If you have someone to help, have them step on the brakes while you look. If that doesn't work, pull the harness out, fold down the rear seat and step on the brakes while looking at the lamps. If what I say is so, buy another set for the brake lights if not, don't listen to me.


Look at the original lamp. How many terminals? The picture of yours on Amazon show only two. 

I have had excellent results purchasing from Diode Dynamics for other LEDs on my Cruze. Ask for Nick if you call them.

Diode Dynamics @Diode Dynamics






*EDIT:* Hit the reload button at least once and up to three times to get the search function to work. Sometimes a glitch cause this to happen.


----------



## Thebigzeus (Dec 2, 2018)

6speedTi said:


> Just a word of note incase you or others didn't realize this. Red lens use red LED. Yellow lens use yellow led.
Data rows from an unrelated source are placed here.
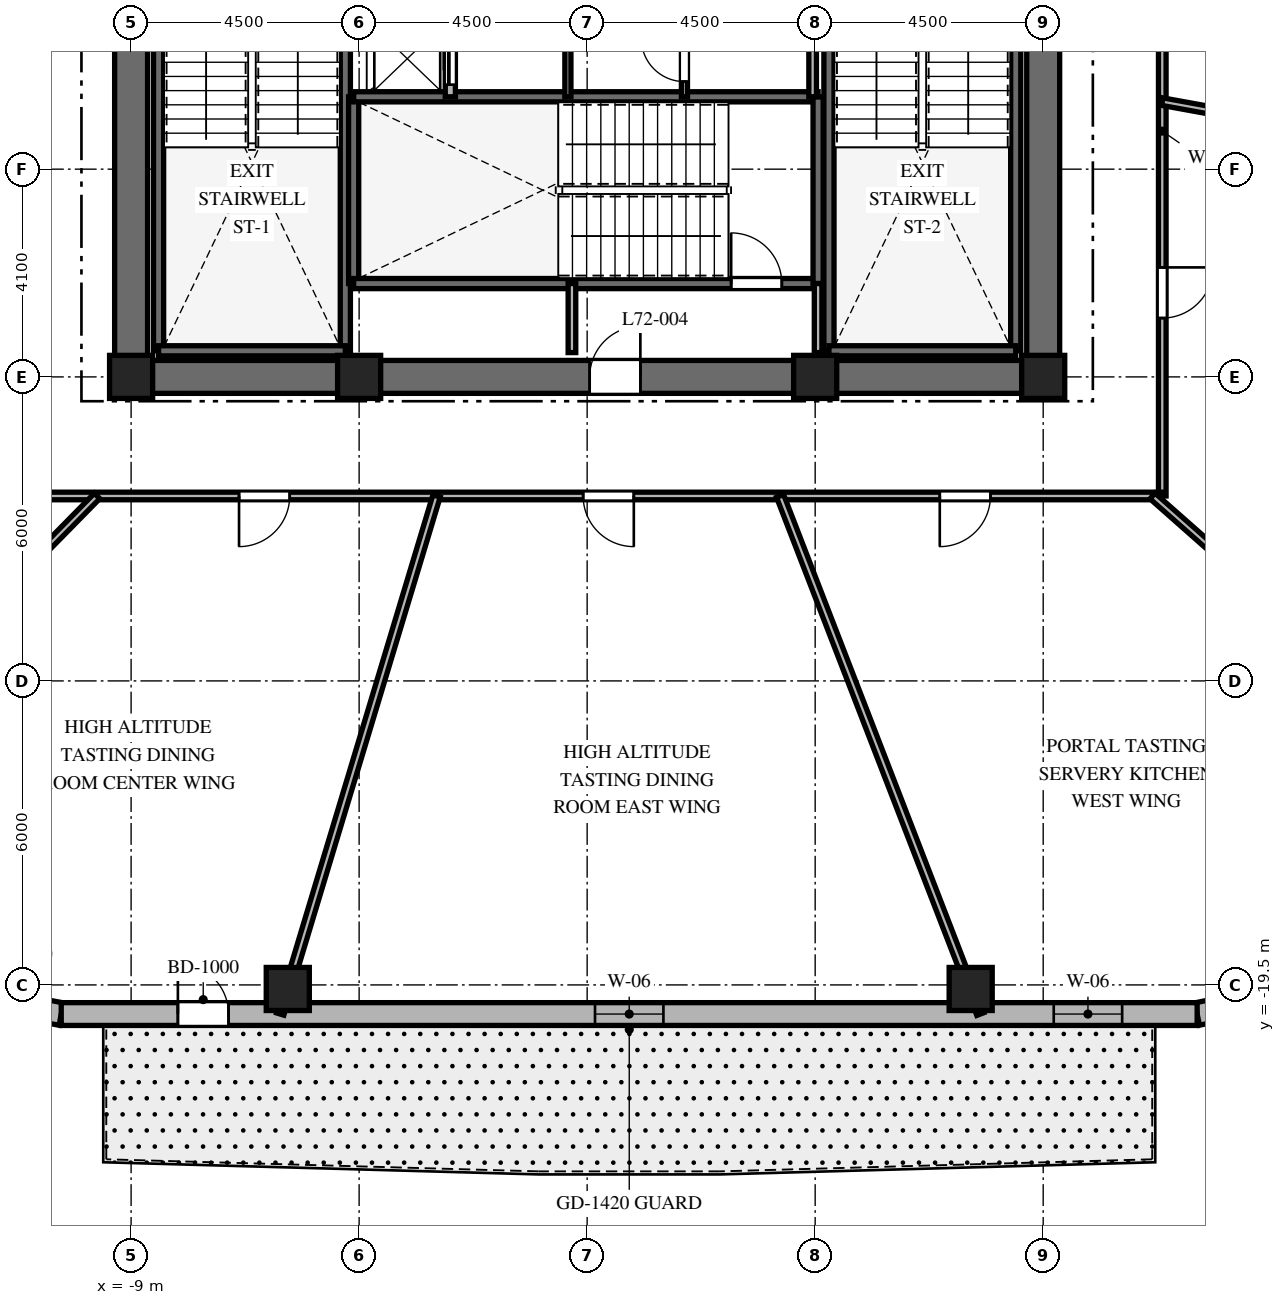
"""IFC4 building model, lengths in metres.
Left out: names, types, materials, properties, quantities, classifications, styles, units other than length and angle.
Written with IfcOpenShell. Run it as: python <this file> out.ifc"""

import sys

from ifc_helpers import new_model, si_unit, direction, frame, frame_2d, origin, origin_2d, place, context, subcontext, project, spatial, rectangle, extrude, element, fill, save


model = new_model("IFC4")
c1 = context("Model", 3, precision=1e-05, world=origin(), true_north=direction((0.0, 1.0)))
c2 = subcontext(c1, "Body", "Model", "MODEL_VIEW")
j1 = project(units=[si_unit("LENGTHUNIT", "METRE"), si_unit("PLANEANGLEUNIT", "RADIAN")], contexts=[c1])
p1 = place(None, origin())
s1 = spatial("IfcSite", under=j1, at=p1, CompositionType="ELEMENT")
p2 = place(p1, origin())
s2 = spatial("IfcBuilding", under=s1, at=p2, CompositionType="ELEMENT")
p3 = place(p2, frame((0.0, 0.0, 288.6)))
s3 = spatial("IfcBuildingStorey", under=s2, at=p3, CompositionType="ELEMENT", Elevation=288.6)
p4 = place(p3, frame((-9.325, -7.5, 0.0), z_axis=(0.0, 0.0, 1.0), x_axis=(1.0, 0.0, 0.0)))
e1 = element("IfcWall", 1, at=p4, inside=s3, PredefinedType="SHEAR", context=c2, shape_type="SweptSolid", body=[
    extrude(rectangle(XDim=18.65, YDim=0.65, at=frame_2d((9.325, 0.0))), origin(), (0.0, 0.0, 1.0), 4.5),
])
p5 = place(p4, frame((9.375, 0.0, 0.0)))
e2 = element("IfcOpeningElement", 2, at=p5, cuts=e1, PredefinedType="OPENING", context=c2, shape_type="SweptSolid", body=[
    extrude(rectangle(XDim=1.0, YDim=2.15, at=frame_2d((0.5, 1.075))), frame((0.0, 0.335, 0.0), z_axis=(0.0, -1.0, 0.0), x_axis=(1.0, 0.0, 0.0)), (0.0, 0.0, 1.0), 0.67),
])
p6 = place(p3, frame((-9.0, -7.175, 0.0), z_axis=(0.0, 0.0, 1.0), x_axis=(0.0, 1.0, 0.0)))
e3 = element("IfcWall", 3, at=p6, inside=s3, PredefinedType="SHEAR", context=c2, shape_type="SweptSolid", body=[
    extrude(rectangle(XDim=14.35, YDim=0.65, at=frame_2d((7.175, 0.0))), origin(), (0.0, 0.0, 1.0), 4.5),
])
p7 = place(p6, frame((10.3, 0.0, 0.0)))
e4 = element("IfcOpeningElement", 4, at=p7, cuts=e3, PredefinedType="OPENING", context=c2, shape_type="SweptSolid", body=[
    extrude(rectangle(XDim=1.05, YDim=2.15, at=frame_2d((0.525, 1.075))), frame((0.0, 0.335, 0.0), z_axis=(0.0, -1.0, 0.0), x_axis=(1.0, 0.0, 0.0)), (0.0, 0.0, 1.0), 0.67),
])
p8 = place(p3, frame((9.0, -7.175, 0.0), z_axis=(0.0, 0.0, 1.0), x_axis=(0.0, 1.0, 0.0)))
e5 = element("IfcWall", 5, at=p8, inside=s3, PredefinedType="SHEAR", context=c2, shape_type="SweptSolid", body=[
    extrude(rectangle(XDim=14.35, YDim=0.65, at=frame_2d((7.175, 0.0))), origin(), (0.0, 0.0, 1.0), 4.5),
])
p9 = place(p8, frame((10.3, 0.0, 0.0)))
e6 = element("IfcOpeningElement", 6, at=p9, cuts=e5, PredefinedType="OPENING", context=c2, shape_type="SweptSolid", body=[
    extrude(rectangle(XDim=1.05, YDim=2.15, at=frame_2d((0.525, 1.075))), frame((0.0, 0.335, 0.0), z_axis=(0.0, -1.0, 0.0), x_axis=(1.0, 0.0, 0.0)), (0.0, 0.0, 1.0), 0.67),
])
for number, where, z_axis, x_axis in (
    (7, (-8.458, -6.985, 0.0), (0.0, 0.0, 1.0), (0.0, 1.0, 0.0)),
    (8, (-4.772, -6.985, 0.0), (0.0, 0.0, 1.0), (0.0, 1.0, 0.0)),
):
    element("IfcWall", number, at=place(p3, frame(where, z_axis=z_axis, x_axis=x_axis)), inside=s3, PredefinedType="SHEAR", context=c2, shape_type="SweptSolid", body=[
        extrude(rectangle(XDim=9.143, YDim=0.2, at=frame_2d((4.572, 0.0))), origin(), (0.0, 0.0, 1.0), 4.5),
    ])
p10 = place(p3, frame((-8.458, -6.985, 0.0), z_axis=(0.0, 0.0, 1.0), x_axis=(1.0, 0.0, 0.0)))
e9 = element("IfcWall", 9, at=p10, inside=s3, PredefinedType="SHEAR", context=c2, shape_type="SweptSolid", body=[
    extrude(rectangle(XDim=3.686, YDim=0.2, at=frame_2d((1.843, 0.0))), origin(), (0.0, 0.0, 1.0), 4.5),
])
for number, where, z_axis, x_axis in (
    (10, (4.772, -6.985, 0.0), (0.0, 0.0, 1.0), (0.0, 1.0, 0.0)),
    (11, (8.458, -6.985, 0.0), (0.0, 0.0, 1.0), (0.0, 1.0, 0.0)),
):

Only a clear lens you can use any color you desire.


Yep, I ordered the red ones, looked great, just didnt function as expected.


----------



## Thebigzeus (Dec 2, 2018)

Believe it or not, I drove to Autozone and took a chance to see what they had. These actually work great! https://www.autozone.com/electrical...b/zevo-led-brake-light-mini-bulb/14208_0_1556 Paid $25, a bit steep, but whatever it works for me and today. Thanks y'all


----------



## LiveTrash (May 24, 2015)

Thebigzeus said:


> Yep, I ordered the red ones, looked great, just didnt function as expected.


Probably performed exactly as mine did. Here's a video of my comparison. LED on the right, stock filament bulbs on the left.
https://www.youtube.com/watch?v=d5VN1uJLVTg

I returned the brake light and turn signal bulbs and kept the reverse lights. I felt the same way you did about them, the difference in brightness wasn't nearly enough to make it worth the upgrade. It just wasn't safe either. I've since upgraded to the Spyder Tail Lights and love them. The outer ring is the running light and the center block of diodes is the brake light. They've separated the running light and brake light internally within the tail light wiring and I love the way it looks. It makes braking more noticeable especially in poor weather conditions. Here's a decent demo video someone has posted of theirs at night time: https://www.youtube.com/watch?v=0CsyeQUQJKI


----------



## TheRealHip (Sep 1, 2014)

I have the spiders and really like them too.


----------



## ChevyGuy (Dec 13, 2014)

I forget what bulbs they were, but I bought 4 from Diode Dynamics. I had to put tape over the lights I put in the trunk as they were wired odd and caused the "brake" light to activate. The contrast between tail and brake isn't quite as good as I'd like when I'm looking right at them, but things behind be sure light up when I press the brake.

I believe the ones I bought were rated as "a little brighter than stock".


----------